Is real-world testing the same as a regulatory sandbox?

No. A regulatory sandbox under Article 57 is a supervised development environment with regulatory guidance, operated by competent authorities, suited to resolving design and legal uncertainties. Article 60 real-world testing is provider-led testing of a mature system in genuine operational conditions, generating field evidence for conformity assessment.

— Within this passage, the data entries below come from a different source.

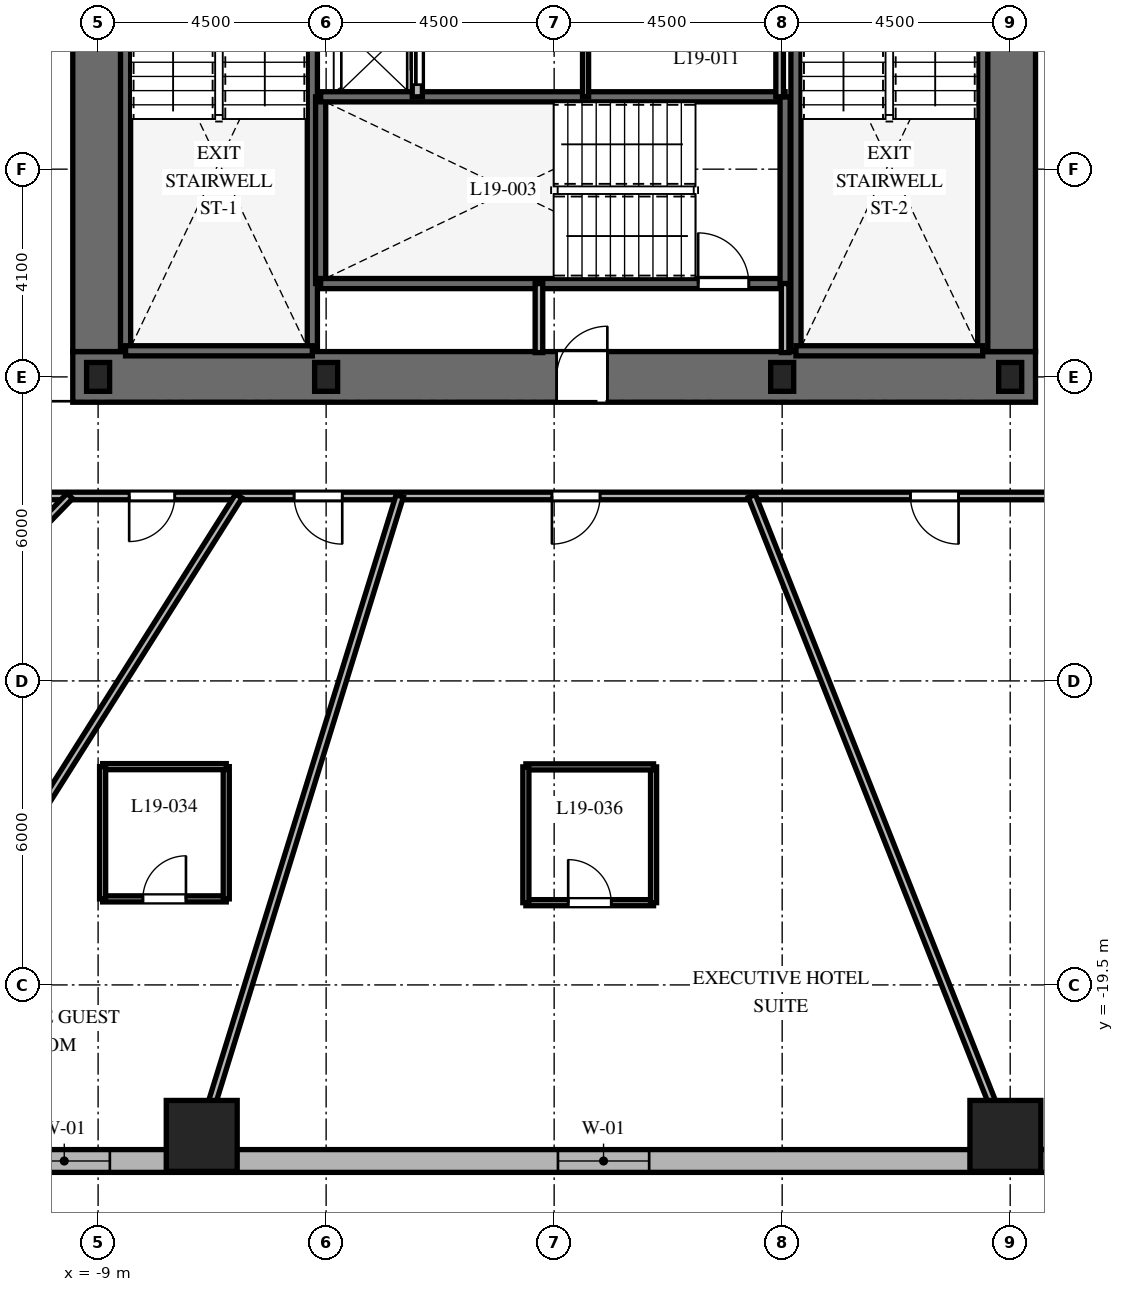
"""IFC4 building model, lengths in metres.
Left out: names, types, materials, properties, quantities, classifications, styles, units other than length and angle.
Written with IfcOpenShell. Run it as: python <this file> out.ifc"""

import sys

from ifc_helpers import new_model, si_unit, direction, frame, frame_2d, origin, origin_2d, place, context, subcontext, project, spatial, rectangle, i_section, extrude, element, fill, save


model = new_model("IFC4")
c1 = context("Model", 3, precision=1e-05, world=origin(), true_north=direction((0.0, 1.0)))
c2 = subcontext(c1, "Body", "Model", "MODEL_VIEW")
j1 = project(units=[si_unit("LENGTHUNIT", "METRE"), si_unit("PLANEANGLEUNIT", "RADIAN")], contexts=[c1])
p1 = place(None, origin())
s1 = spatial("IfcSite", under=j1, at=p1, CompositionType="ELEMENT")
p2 = place(p1, origin())
s2 = spatial("IfcBuilding", under=s1, at=p2, CompositionType="ELEMENT")
p3 = place(p2, frame((0.0, 0.0, 82.3)))
s3 = spatial("IfcBuildingStorey", under=s2, at=p3, CompositionType="ELEMENT", Elevation=82.3)
p4 = place(p3, frame((-9.5, -7.5, 0.0), z_axis=(0.0, 0.0, 1.0), x_axis=(1.0, 0.0, 0.0)))
e1 = element("IfcWall", 1, at=p4, inside=s3, PredefinedType="SHEAR", context=c2, shape_type="SweptSolid", body=[
    extrude(rectangle(XDim=19.0, YDim=1.0, at=frame_2d((9.5, 0.0))), origin(), (0.0, 0.0, 1.0), 3.7),
])
p5 = place(p4, frame((9.55, 0.0, 0.0)))
e2 = element("IfcOpeningElement", 2, at=p5, cuts=e1, PredefinedType="OPENING", context=c2, shape_type="SweptSolid", body=[
    extrude(rectangle(XDim=1.0, YDim=2.15, at=frame_2d((0.5, 1.075))), frame((0.0, 0.51, 0.0), z_axis=(0.0, -1.0, 0.0), x_axis=(1.0, 0.0, 0.0)), (0.0, 0.0, 1.0), 1.02),
])
p6 = place(p3, frame((-9.0, -7.0, 0.0), z_axis=(0.0, 0.0, 1.0), x_axis=(0.0, 1.0, 0.0)))
e3 = element("IfcWall", 3, at=p6, inside=s3, PredefinedType="SHEAR", context=c2, shape_type="SweptSolid", body=[
    extrude(rectangle(XDim=14.0, YDim=1.0, at=frame_2d((7.0, 0.0))), origin(), (0.0, 0.0, 1.0), 3.7),
])
p7 = place(p6, frame((10.125, 0.0, 0.0)))
e4 = element("IfcOpeningElement", 4, at=p7, cuts=e3, PredefinedType="OPENING", context=c2, shape_type="SweptSolid", body=[
    extrude(rectangle(XDim=1.05, YDim=2.15, at=frame_2d((0.525, 1.075))), frame((0.0, 0.51, 0.0), z_axis=(0.0, -1.0, 0.0), x_axis=(1.0, 0.0, 0.0)), (0.0, 0.0, 1.0), 1.02),
])
p8 = place(p3, frame((9.0, -7.0, 0.0), z_axis=(0.0, 0.0, 1.0), x_axis=(0.0, 1.0, 0.0)))
e5 = element("IfcWall", 5, at=p8, inside=s3, PredefinedType="SHEAR", context=c2, shape_type="SweptSolid", body=[
    extrude(rectangle(XDim=14.0, YDim=1.0, at=frame_2d((7.0, 0.0))), origin(), (0.0, 0.0, 1.0), 3.7),
])
p9 = place(p8, frame((10.125, 0.0, 0.0)))
e6 = element("IfcOpeningElement", 6, at=p9, cuts=e5, PredefinedType="OPENING", context=c2, shape_type="SweptSolid", body=[
    extrude(rectangle(XDim=1.05, YDim=2.15, at=frame_2d((0.525, 1.075))), frame((0.0, 0.51, 0.0), z_axis=(0.0, -1.0, 0.0), x_axis=(1.0, 0.0, 0.0)), (0.0, 0.0, 1.0), 1.02),
])
for number, where, z_axis, x_axis in (
    (7, (-8.458, -6.985, 0.0), (0.0, 0.0, 1.0), (0.0, 1.0, 0.0)),
    (8, (-4.772, -6.985, 0.0), (0.0, 0.0, 1.0), (0.0, 1.0, 0.0)),
):
    element("IfcWall", number, at=place(p3, frame(where, z_axis=z_axis, x_axis=x_axis)), inside=s3, PredefinedType="SHEAR", context=c2, shape_type="SweptSolid", body=[
        extrude(rectangle(XDim=9.143, YDim=0.2, at=frame_2d((4.572, 0.0))), origin(), (0.0, 0.0, 1.0), 3.7),
    ])
p10 = place(p3, frame((-8.458, -6.985, 0.0), z_axis=(0.0, 0.0, 1.0), x_axis=(1.0, 0.0, 0.0)))
e9 = element("IfcWall", 9, at=p10, inside=s3, PredefinedType="SHEAR", context=c2, shape_type="SweptSolid", body=[
    extrude(rectangle(XDim=3.686, YDim=0.2, at=frame_2d((1.843, 0.0))), origin(), (0.0, 0.0, 1.0), 3.7),
])
for number, where, z_axis, x_axis in (
    (10, (4.772, -6.985, 0.0), (0.0, 0.0, 1.0), (0.0, 1.0, 0.0)),
    (11, (8.458, -6.985, 0.0), (0.0, 0.0, 1.0), (0.0, 1.0, 0.0)),
):
    element("IfcWall", number, at=place(p3, frame(where, z_axis=z_axis, x_axis=x_axis)), inside=s3, PredefinedType="SHEAR", context=c2, shape_type="SweptSolid", body=[
        extrude(rectangle(XDim=9.143, YDim=0.2, at=frame_2d((4.572, 0.0))), origin(), (0.0, 0.0, 1.0), 3.7),
    ])
for number, where, z_axis, x_axis in (
    (12, (4.772, -6.985, 0.0), (0.0, 0.0, 1.0), (1.0, 0.0, 0.0)),
    (13, (-4.608, -5.658, 0.0), (0.0, 0.0, 1.0), (0.0, 1.0, 0.0)),
):
    element("IfcWall", number, at=place(p3, frame(where, z_axis=z_axis, x_axis=x_axis)), inside=s3, PredefinedType="SHEAR", context=c2, shape_type="SweptSolid", body=[
        extrude(rectangle(XDim=3.686, YDim=0.2, at=frame_2d((1.843, 0.0))), origin(), (0.0, 0.0, 1.0), 3.7),
    ])
p11 = place(p3, frame((-4.608, -5.658, 0.0), z_axis=(0.0, 0.0, 1.0), x_axis=(1.0, 0.0, 0.0)))
e14 = element("IfcWall", 14, at=p11, inside=s3, PredefinedType="SHEAR", context=c2, shape_type="SweptSolid", body=[
    extrude(rectangle(XDim=9.166, YDim=0.2, at=frame_2d((4.583, 0.0))), origin(), (0.0, 0.0, 1.0), 3.7),
])
p12 = place(p11, frame((7.45, 0.0, 0.0)))
e15 = element("IfcOpeningElement", 15, at=p12, cuts=e14, PredefinedType="OPENING", context=c2, shape_type="SweptSolid", body=[
    extrude(rectangle(XDim=1.0, YDim=2.15, at=frame_2d((0.5, 1.075))), frame((0.0, 0.11, 0.0), z_axis=(0.0, -1.0, 0.0), x_axis=(1.0, 0.0, 0.0)), (0.0, 0.0, 1.0), 0.22),
])
p13 = place(p3, frame((-4.608, -1.972, 0.0), z_axis=(0.0, 0.0, 1.0), x_axis=(1.0, 0.0, 0.0)))
e16 = element("IfcWall", 16, at=p13, inside=s3, PredefinedType="SHEAR", context=c2, shape_type="SweptSolid", body=[
    extrude(rectangle(XDim=9.166, YDim=0.2, at=frame_2d((4.583, 0.0))), origin(), (0.0, 0.0, 1.0), 3.7),
])
p14 = place(p3, frame((4.558, -5.658, 0.0), z_axis=(0.0, 0.0, 1.0), x_axis=(0.0, 1.0, 0.0)))
e17 = element("IfcWall", 17, at=p14, inside=s3, PredefinedType="SHEAR", context=c2, shape_type="SweptSolid", body=[
    extrude(rectangle(XDim=3.686, YDim=0.2, at=frame_2d((1.843, 0.0))), origin(), (0.0, 0.0, 1.0), 3.7),
])
for number, where, z_axis, x_axis in (
    (18, (-9.0, -7.5, 0.0), (0.0, 0.0, 1.0), (1.0, 0.0, 0.0)),
    (19, (-4.5, -7.5, 0.0), (0.0, 0.0, 1.0), (1.0, 0.0, 0.0)),
    (20, (4.5, -7.5, 0.0), (0.0, 0.0, 1.0), (1.0, 0.0, 0.0)),
    (21, (9.0, -7.5, 0.0), (0.0, 0.0, 1.0), (1.0, 0.0, 0.0)),
):
    element("IfcColumn", number, at=place(p3, frame(where, z_axis=z_axis, x_axis=x_axis)), inside=s3, PredefinedType="COLUMN", context=c2, shape_type="SweptSolid", body=[
        extrude(i_section(OverallWidth=0.454, OverallDepth=0.569, WebThickness=0.078, FlangeThickness=0.125, at=origin_2d()), origin(), (0.0, 0.0, 1.0), 3.7),
    ])
for number, where, z_axis, x_axis in (
    (22, (-6.955, -22.48, 0.0), (0.0, 0.0, 1.0), (1.0, 0.0, 0.0)),
    (23, (8.905, -22.48, 0.0), (0.0, 0.0, 1.0), (1.0, 0.0, 0.0)),
):
    element("IfcColumn", number, at=place(p3, frame(where, z_axis=z_axis, x_axis=x_axis)), inside=s3, PredefinedType="COLUMN", context=c2, shape_type="SweptSolid", body=[
        extrude(rectangle(XDim=1.4, YDim=1.4, at=origin_2d()), origin(), (0.0, 0.0, 1.0), 3.7),
    ])
p15 = place(p3, frame((-12.221, -22.975, 0.0), z_axis=(0.0, 0.0, 1.0), x_axis=(1.0, 0.0, 0.0)))
e24 = element("IfcWall", 24, at=p15, inside=s3, PredefinedType="SOLIDWALL", context=c2, shape_type="SweptSolid", body=[
    extrude(rectangle(XDim=26.389, YDim=0.45, at=frame_2d((13.195, 0.0))), origin(), (0.0, 0.0, 1.0), 3.38),
])
p16 = place(p15, frame((1.653, 0.0, 0.8)))
e25 = element("IfcOpeningElement", 25, at=p16, cuts=e24, PredefinedType="OPENING", context=c2, shape_type="SweptSolid", body=[
    extrude(rectangle(XDim=1.8, YDim=1.8, at=frame_2d((0.9, 0.9))), frame((0.0, 0.235, 0.0), z_axis=(0.0, -1.0, 0.0), x_axis=(1.0, 0.0, 0.0)), (0.0, 0.0, 1.0), 0.47),
])
p17 = place(p15, frame((12.296, 0.0, 0.8)))
e26 = element("IfcOpeningElement", 26, at=p17, cuts=e24, PredefinedType="OPENING", context=c2, shape_type="SweptSolid", body=[
    extrude(rectangle(XDim=1.8, YDim=1.8, at=frame_2d((0.9, 0.9))), frame((0.0, 0.235, 0.0), z_axis=(0.0, -1.0, 0.0), x_axis=(1.0, 0.0, 0.0)), (0.0, 0.0, 1.0), 0.47),
])
p18 = place(p15, frame((22.938, 0.0, 0.8)))
e27 = element("IfcOpeningElement", 27, at=p18, cuts=e24, PredefinedType="OPENING", context=c2, shape_type="SweptSolid", body=[
    extrude(rectangle(XDim=1.8, YDim=1.8, at=frame_2d((0.9, 0.9))), frame((0.0, 0.235, 0.0), z_axis=(0.0, -1.0, 0.0), x_axis=(1.0, 0.0, 0.0)), (0.0, 0.0, 1.0), 0.47),
])
for number, where, z_axis, x_axis in (
    (28, (-0.3, -7.02, 0.0), (0.0, 0.0, 1.0), (0.0, 1.0, 0.0)),
    (29, (4.558, -7.02, 0.0), (0.0, 0.0, 1.0), (0.0, 1.0, 0.0)),
):
    element("IfcWall", number, at=place(p3, frame(where, z_axis=z_axis, x_axis=x_axis)), inside=s3, PredefinedType="PARTITIONING", context=c2, shape_type="SweptSolid", body=[
        extrude(rectangle(XDim=1.362, YDim=0.15, at=frame_2d((0.681, 0.0))), origin(), (0.0, 0.0, 1.0), 3.38),
    ])
p19 = place(p3, frame((-2.7, -1.972, 0.0), z_axis=(0.0, 0.0, 1.0), x_axis=(0.0, 1.0, 0.0)))
e30 = element("IfcWall", 30, at=p19, inside=s3, PredefinedType="PARTITIONING", context=c2, shape_type="SweptSolid", body=[
    extrude(rectangle(XDim=1.472, YDim=0.2, at=frame_2d((0.736, 0.0))), origin(), (0.0, 0.0, 1.0), 3.38),
])
p20 = place(p19, frame((0.24, 0.0, 0.0)))
e31 = element("IfcOpeningElement", 31, at=p20, cuts=e30, PredefinedType="OPENING", context=c2, shape_type="SweptSolid", body=[
    extrude(rectangle(XDim=1.0, YDim=2.2, at=frame_2d((0.5, 1.1))), frame((0.0, 0.11, 0.0), z_axis=(0.0, -1.0, 0.0), x_axis=(1.0, 0.0, 0.0)), (0.0, 0.0, 1.0), 0.22),
])
p21 = place(p3, frame((4.45, -1.972, 0.0), z_axis=(0.0, 0.0, 1.0), x_axis=(0.0, 1.0, 0.0)))
e32 = element("IfcWall", 32, at=p21, inside=s3, PredefinedType="PARTITIONING", context=c2, shape_type="SweptSolid", body=[
    extrude(rectangle(XDim=4.222, YDim=0.15, at=frame_2d((2.111, 0.0))), origin(), (0.0, 0.0, 1.0), 3.38),
])
p22 = place(p3, frame((0.62, -1.972, 0.0), z_axis=(0.0, 0.0, 1.0), x_axis=(0.0, 1.0, 0.0)))
e33 = element("IfcWall", 33, at=p22, inside=s3, PredefinedType="PARTITIONING", context=c2, shape_type="SweptSolid", body=[
    extrude(rectangle(XDim=1.472, YDim=0.12, at=frame_2d((0.736, 0.0))), origin(), (0.0, 0.0, 1.0), 3.38),
])
p23 = place(p3, frame((11.35, -9.85, 0.0), z_axis=(0.0, 0.0, 1.0), x_axis=(-1.0, 0.0, 0.0)))
e34 = element("IfcWall", 34, at=p23, inside=s3, PredefinedType="PARTITIONING", context=c2, shape_type="SweptSolid", body=[
    extrude(rectangle(XDim=22.7, YDim=0.15, at=frame_2d((11.35, 0.0))), origin(), (0.0, 0.0, 1.0), 2.82),
])
p24 = place(p23, frame((18.837, 0.0, 0.0)))
e35 = element("IfcOpeningElement", 35, at=p24, cuts=e34, PredefinedType="OPENING", context=c2, shape_type="SweptSolid", body=[
    extrude(rectangle(XDim=0.9, YDim=2.03, at=frame_2d((0.45, 1.015))), frame((0.0, 0.085, 0.0), z_axis=(0.0, -1.0, 0.0), x_axis=(1.0, 0.0, 0.0)), (0.0, 0.0, 1.0), 0.17),
])
p25 = place(p23, frame((15.532, 0.0, 0.0)))
e36 = element("IfcOpeningElement", 36, at=p25, cuts=e34, PredefinedType="OPENING", context=c2, shape_type="SweptSolid", body=[
    extrude(rectangle(XDim=0.95, YDim=2.03, at=frame_2d((0.475, 1.015))), frame((0.0, 0.085, 0.0), z_axis=(0.0, -1.0, 0.0), x_axis=(1.0, 0.0, 0.0)), (0.0, 0.0, 1.0), 0.17),
])
p26 = place(p23, frame((10.444, 0.0, 0.0)))
e37 = element("IfcOpeningElement", 37, at=p26, cuts=e34, PredefinedType="OPENING", context=c2, shape_type="SweptSolid", body=[
    extrude(rectangle(XDim=0.95, YDim=2.03, at=frame_2d((0.475, 1.015))), frame((0.0, 0.085, 0.0), z_axis=(0.0, -1.0, 0.0), x_axis=(1.0, 0.0, 0.0)), (0.0, 0.0, 1.0), 0.17),
])
p27 = place(p23, frame((3.369, 0.0, 0.0)))
e38 = element("IfcOpeningElement", 38, at=p27, cuts=e34, PredefinedType="OPENING", context=c2, shape_type="SweptSolid", body=[
    extrude(rectangle(XDim=0.95, YDim=2.03, at=frame_2d((0.475, 1.015))), frame((0.0, 0.085, 0.0), z_axis=(0.0, -1.0, 0.0), x_axis=(1.0, 0.0, 0.0)), (0.0, 0.0, 1.0), 0.17),
])
p28 = place(p3, frame((-9.558, -9.85, 0.0), z_axis=(0.0, 0.0, 1.0), x_axis=(-0.69638346089, -0.717669893056, 0.0)))
e39 = element("IfcWall", 39, at=p28, inside=s3, PredefinedType="PARTITIONING", context=c2, shape_type="SweptSolid", body=[
    extrude(rectangle(XDim=10.701, YDim=0.15, at=frame_2d((5.351, 0.0))), origin(), (0.0, 0.0, 1.0), 2.52),
])
p29 = place(p3, frame((-6.222, -9.85, 0.0), z_axis=(0.0, 0.0, 1.0), x_axis=(-0.534069056435, -0.845440857162, 0.0)))
e40 = element("IfcWall", 40, at=p29, inside=s3, PredefinedType="PARTITIONING", context=c2, shape_type="SweptSolid", body=[
    extrude(rectangle(XDim=14.611, YDim=0.15, at=frame_2d((7.306, 0.0))), origin(), (0.0, 0.0, 1.0), 2.52),
])
p30 = place(p3, frame((-3.048, -9.85, 0.0), z_axis=(0.0, 0.0, 1.0), x_axis=(-0.295553992761, -0.955326037206, 0.0)))
e41 = element("IfcWall", 41, at=p30, inside=s3, PredefinedType="PARTITIONING", context=c2, shape_type="SweptSolid", body=[
    extrude(rectangle(XDim=13.739, YDim=0.15, at=frame_2d((6.869, 0.0))), origin(), (0.0, 0.0, 1.0), 2.52),
])
p31 = place(p3, frame((3.902, -9.85, 0.0), z_axis=(0.0, 0.0, 1.0), x_axis=(0.36828765711, -0.929711891728, 0.0)))
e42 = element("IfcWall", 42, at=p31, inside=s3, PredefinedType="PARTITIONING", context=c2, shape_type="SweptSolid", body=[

The instruments can be used in sequence.

Quick answer

Article 60 of the EU AI Act allows providers and prospective providers of Annex III high-risk AI systems to test them in real-world conditions outside regulatory sandboxes, before placing them on the market. Testing requires an approved real-world testing plan, registration, informed consent of participants under Article 61, a maximum duration of six months extendable once by six months, and full reversibility of outcomes.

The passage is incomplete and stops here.